Doc length: 7541 tokens


In [53]:
prompt = f"""

Human: Please provide a summary of the following text.
<text>
{total_text}
</text>

Assistant:"""

In [54]:
body = json.dumps({"prompt": prompt,
                 "max_tokens_to_sample":4096,
                 "temperature":0.5,
                 "top_k":250,
                 "top_p":0.5,
                 "stop_sequences":[]
                  }) 

In [None]:
modelId = 'anthropic.claude-v2' # change this to use a different version from the model provider
accept = 'application/json'
contentType = 'application/json'

response = boto3_bedrock.invoke_model(body=body, modelId=modelId, accept=accept, contentType=contentType)
response_body = json.loads(response.get('body').read())

print_ww(response_body.get('completion'))
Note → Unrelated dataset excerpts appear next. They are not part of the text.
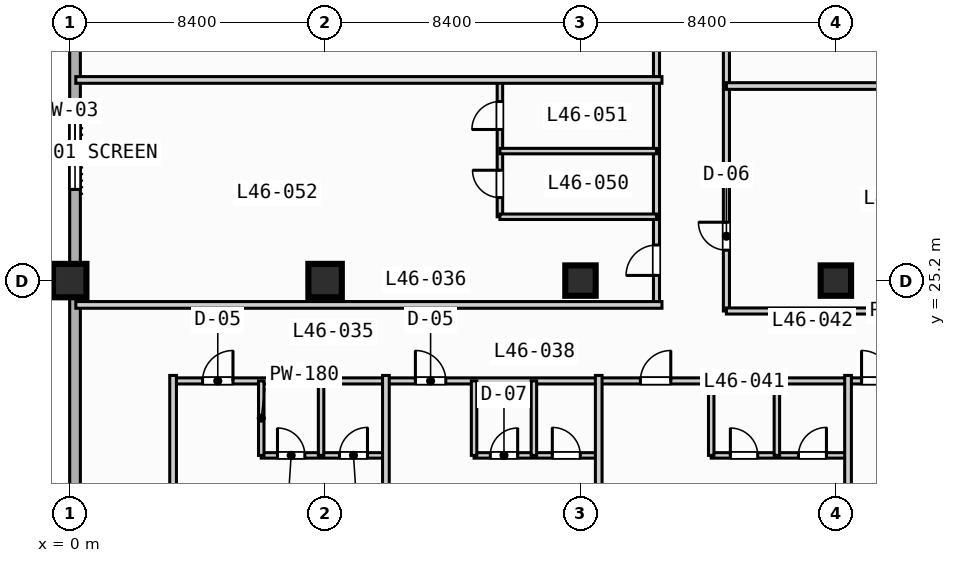
"""IFC4 building model, lengths in metres.
Left out: names, types, materials, properties, quantities, classifications, styles, units other than length and angle.
Written with IfcOpenShell. Run it as: python <this file> out.ifc"""

import sys

from ifc_helpers import new_model, si_unit, direction, frame, frame_2d, origin, origin_2d, place, context, subcontext, project, spatial, rectangle, extrude, element, fill, save


model = new_model("IFC4")
c1 = context("Model", 3, precision=1e-05, world=origin(), true_north=direction((0.0, 1.0)))
c2 = subcontext(c1, "Body", "Model", "MODEL_VIEW")
j1 = project(units=[si_unit("LENGTHUNIT", "METRE"), si_unit("PLANEANGLEUNIT", "RADIAN")], contexts=[c1])
p1 = place(None, origin())
s1 = spatial("IfcSite", under=j1, at=p1, CompositionType="ELEMENT")
p2 = place(p1, origin())
s2 = spatial("IfcBuilding", under=s1, at=p2, CompositionType="ELEMENT")
p3 = place(p2, frame((0.0, 0.0, 190.2)))
s3 = spatial("IfcBuildingStorey", under=s2, at=p3, CompositionType="ELEMENT", Elevation=190.2)
for number, where, z_axis, x_axis in (
    (1, (0.0, 25.2, 0.0), (0.0, 0.0, 1.0), (1.0, 0.0, 0.0)),
    (2, (8.4, 25.2, 0.0), (0.0, 0.0, 1.0), (1.0, 0.0, 0.0)),
):
    element("IfcColumn", number, at=place(p3, frame(where, z_axis=z_axis, x_axis=x_axis)), inside=s3, PredefinedType="COLUMN", context=c2, shape_type="SweptSolid", body=[
        extrude(rectangle(XDim=1.1, YDim=1.1, at=origin_2d()), origin(), (0.0, 0.0, 1.0), 3.7),
    ])
for number, where, z_axis, x_axis in (
    (3, (16.8, 25.2, 0.0), (0.0, 0.0, 1.0), (1.0, 0.0, 0.0)),
    (4, (25.2, 25.2, 0.0), (0.0, 0.0, 1.0), (1.0, 0.0, 0.0)),
):
    element("IfcColumn", number, at=place(p3, frame(where, z_axis=z_axis, x_axis=x_axis)), inside=s3, PredefinedType="COLUMN", context=c2, shape_type="SweptSolid", body=[
        extrude(rectangle(XDim=1.0, YDim=1.0, at=origin_2d()), origin(), (0.0, 0.0, 1.0), 3.7),
    ])
p4 = place(p3, frame((0.175, 3.175, 0.0), z_axis=(0.0, 0.0, 1.0), x_axis=(0.0, 1.0, 0.0)))
e5 = element("IfcWall", 5, at=p4, inside=s3, PredefinedType="STANDARD", context=c2, shape_type="SweptSolid", body=[
    extrude(rectangle(XDim=69.25, YDim=0.35, at=frame_2d((34.625, 0.0))), origin(), (0.0, 0.0, 1.0), 3.47),
])
p5 = place(p4, frame((42.325, 0.0, 0.0)))
e6 = element("IfcOpeningElement", 6, at=p5, cuts=e5, PredefinedType="OPENING", context=c2, shape_type="SweptSolid", body=[
    extrude(rectangle(XDim=1.4, YDim=2.2, at=frame_2d((0.7, 1.1))), frame((0.0, 0.185, 0.0), z_axis=(0.0, -1.0, 0.0), x_axis=(1.0, 0.0, 0.0)), (0.0, 0.0, 1.0), 0.37),
])
p6 = place(p4, frame((25.025, 0.0, 0.85)))
e7 = element("IfcOpeningElement", 7, at=p6, cuts=e5, PredefinedType="OPENING", context=c2, shape_type="SweptSolid", body=[
    extrude(rectangle(XDim=2.4, YDim=1.95, at=frame_2d((1.2, 0.975))), frame((0.0, 0.185, 0.0), z_axis=(0.0, -1.0, 0.0), x_axis=(1.0, 0.0, 0.0)), (0.0, 0.0, 1.0), 0.37),
])
p7 = place(p4, frame((33.725, 0.0, 0.85)))
e8 = element("IfcOpeningElement", 8, at=p7, cuts=e5, PredefinedType="OPENING", context=c2, shape_type="SweptSolid", body=[
    extrude(rectangle(XDim=1.8, YDim=1.8, at=frame_2d((0.9, 0.9))), frame((0.0, 0.185, 0.0), z_axis=(0.0, -1.0, 0.0), x_axis=(1.0, 0.0, 0.0)), (0.0, 0.0, 1.0), 0.37),
])
p8 = place(p4, frame((58.375, 0.0, 0.85)))
e9 = element("IfcOpeningElement", 9, at=p8, cuts=e5, PredefinedType="OPENING", context=c2, shape_type="SweptSolid", body=[
    extrude(rectangle(XDim=1.8, YDim=1.8, at=frame_2d((0.9, 0.9))), frame((0.0, 0.185, 0.0), z_axis=(0.0, -1.0, 0.0), x_axis=(1.0, 0.0, 0.0)), (0.0, 0.0, 1.0), 0.37),
])
p9 = place(p4, frame((64.775, 0.0, 0.85)))
e10 = element("IfcOpeningElement", 10, at=p9, cuts=e5, PredefinedType="OPENING", context=c2, shape_type="SweptSolid", body=[
    extrude(rectangle(XDim=1.8, YDim=1.8, at=frame_2d((0.9, 0.9))), frame((0.0, 0.185, 0.0), z_axis=(0.0, -1.0, 0.0), x_axis=(1.0, 0.0, 0.0)), (0.0, 0.0, 1.0), 0.37),
])
p10 = place(p3, frame((21.6, 24.2, 0.0), z_axis=(0.0, 0.0, 1.0), x_axis=(0.0, 1.0, 0.0)))
e11 = element("IfcWall", 11, at=p10, inside=s3, PredefinedType="PARTITIONING", context=c2, shape_type="SweptSolid", body=[
    extrude(rectangle(XDim=15.0, YDim=0.2, at=frame_2d((7.5, 0.0))), origin(), (0.0, 0.0, 1.0), 3.47),
])
p11 = place(p10, frame((2.0, 0.0, 0.0)))
e12 = element("IfcOpeningElement", 12, at=p11, cuts=e11, PredefinedType="OPENING", context=c2, shape_type="SweptSolid", body=[
    extrude(rectangle(XDim=0.92, YDim=2.1, at=frame_2d((0.46, 1.05))), frame((0.0, 0.11, 0.0), z_axis=(0.0, -1.0, 0.0), x_axis=(1.0, 0.0, 0.0)), (0.0, 0.0, 1.0), 0.22),
])
p12 = place(p10, frame((9.4, 0.0, 0.0)))
e13 = element("IfcOpeningElement", 13, at=p12, cuts=e11, PredefinedType="OPENING", context=c2, shape_type="SweptSolid", body=[
    extrude(rectangle(XDim=0.92, YDim=2.1, at=frame_2d((0.46, 1.05))), frame((0.0, 0.11, 0.0), z_axis=(0.0, -1.0, 0.0), x_axis=(1.0, 0.0, 0.0)), (0.0, 0.0, 1.0), 0.22),
])
p13 = place(p3, frame((21.6, 24.2, 0.0), z_axis=(0.0, 0.0, 1.0), x_axis=(1.0, 0.0, 0.0)))
e14 = element("IfcWall", 14, at=p13, inside=s3, PredefinedType="PARTITIONING", context=c2, shape_type="SweptSolid", body=[
    extrude(rectangle(XDim=11.7, YDim=0.2, at=frame_2d((5.85, 0.0))), origin(), (0.0, 0.0, 1.0), 3.47),
])
p14 = place(p3, frame((21.6, 31.6, 0.0), z_axis=(0.0, 0.0, 1.0), x_axis=(1.0, 0.0, 0.0)))
e15 = element("IfcWall", 15, at=p14, inside=s3, PredefinedType="PARTITIONING", context=c2, shape_type="SweptSolid", body=[
    extrude(rectangle(XDim=11.7, YDim=0.22, at=frame_2d((5.85, 0.0))), origin(), (0.0, 0.0, 1.0), 3.47),
])
p15 = place(p3, frame((3.4, 21.9, 0.0), z_axis=(0.0, 0.0, 1.0), x_axis=(1.0, 0.0, 0.0)))
e16 = element("IfcWall", 16, at=p15, inside=s3, PredefinedType="PARTITIONING", context=c2, shape_type="SweptSolid", body=[
    extrude(rectangle(XDim=35.8, YDim=0.2, at=frame_2d((17.9, 0.0))), origin(), (0.0, 0.0, 1.0), 3.47),
])
p16 = place(p15, frame((0.97, 0.0, 0.0)))
e17 = element("IfcOpeningElement", 17, at=p16, cuts=e16, PredefinedType="OPENING", context=c2, shape_type="SweptSolid", body=[
    extrude(rectangle(XDim=1.0, YDim=2.15, at=frame_2d((0.5, 1.075))), frame((0.0, 0.11, 0.0), z_axis=(0.0, -1.0, 0.0), x_axis=(1.0, 0.0, 0.0)), (0.0, 0.0, 1.0), 0.22),
])
p17 = place(p15, frame((7.97, 0.0, 0.0)))
e18 = element("IfcOpeningElement", 18, at=p17, cuts=e16, PredefinedType="OPENING", context=c2, shape_type="SweptSolid", body=[
    extrude(rectangle(XDim=1.0, YDim=2.15, at=frame_2d((0.5, 1.075))), frame((0.0, 0.11, 0.0), z_axis=(0.0, -1.0, 0.0), x_axis=(1.0, 0.0, 0.0)), (0.0, 0.0, 1.0), 0.22),
])
p18 = place(p15, frame((15.37, 0.0, 0.0)))
e19 = element("IfcOpeningElement", 19, at=p18, cuts=e16, PredefinedType="OPENING", context=c2, shape_type="SweptSolid", body=[
    extrude(rectangle(XDim=1.0, YDim=2.15, at=frame_2d((0.5, 1.075))), frame((0.0, 0.11, 0.0), z_axis=(0.0, -1.0, 0.0), x_axis=(1.0, 0.0, 0.0)), (0.0, 0.0, 1.0), 0.22),
])
p19 = place(p15, frame((22.645, 0.0, 0.0)))
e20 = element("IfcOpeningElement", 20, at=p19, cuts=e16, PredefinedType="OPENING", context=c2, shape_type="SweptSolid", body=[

### Let's see what's the length of the summary in tokens:

In [None]:
print(f"Summary length: {count_tokens(response_body.get('completion'))} tokens")

## Conclusion
You have now experimented with using `boto3` SDK which provides a vanilla exposure to Amazon Bedrock API. Using this API you have seen the use case of generating a summary of text you prefer.

### Take aways
- Adapt this notebook to experiment with different models available through Amazon Bedrock such as Amazon Titan and AI21 Labs Jurassic models.
- Change the prompts to your specific usecase and evaluate the output of different models.
- Play with the token length to understand the latency and responsiveness of the service.
- Apply different prompt engineering principles to get better outputs.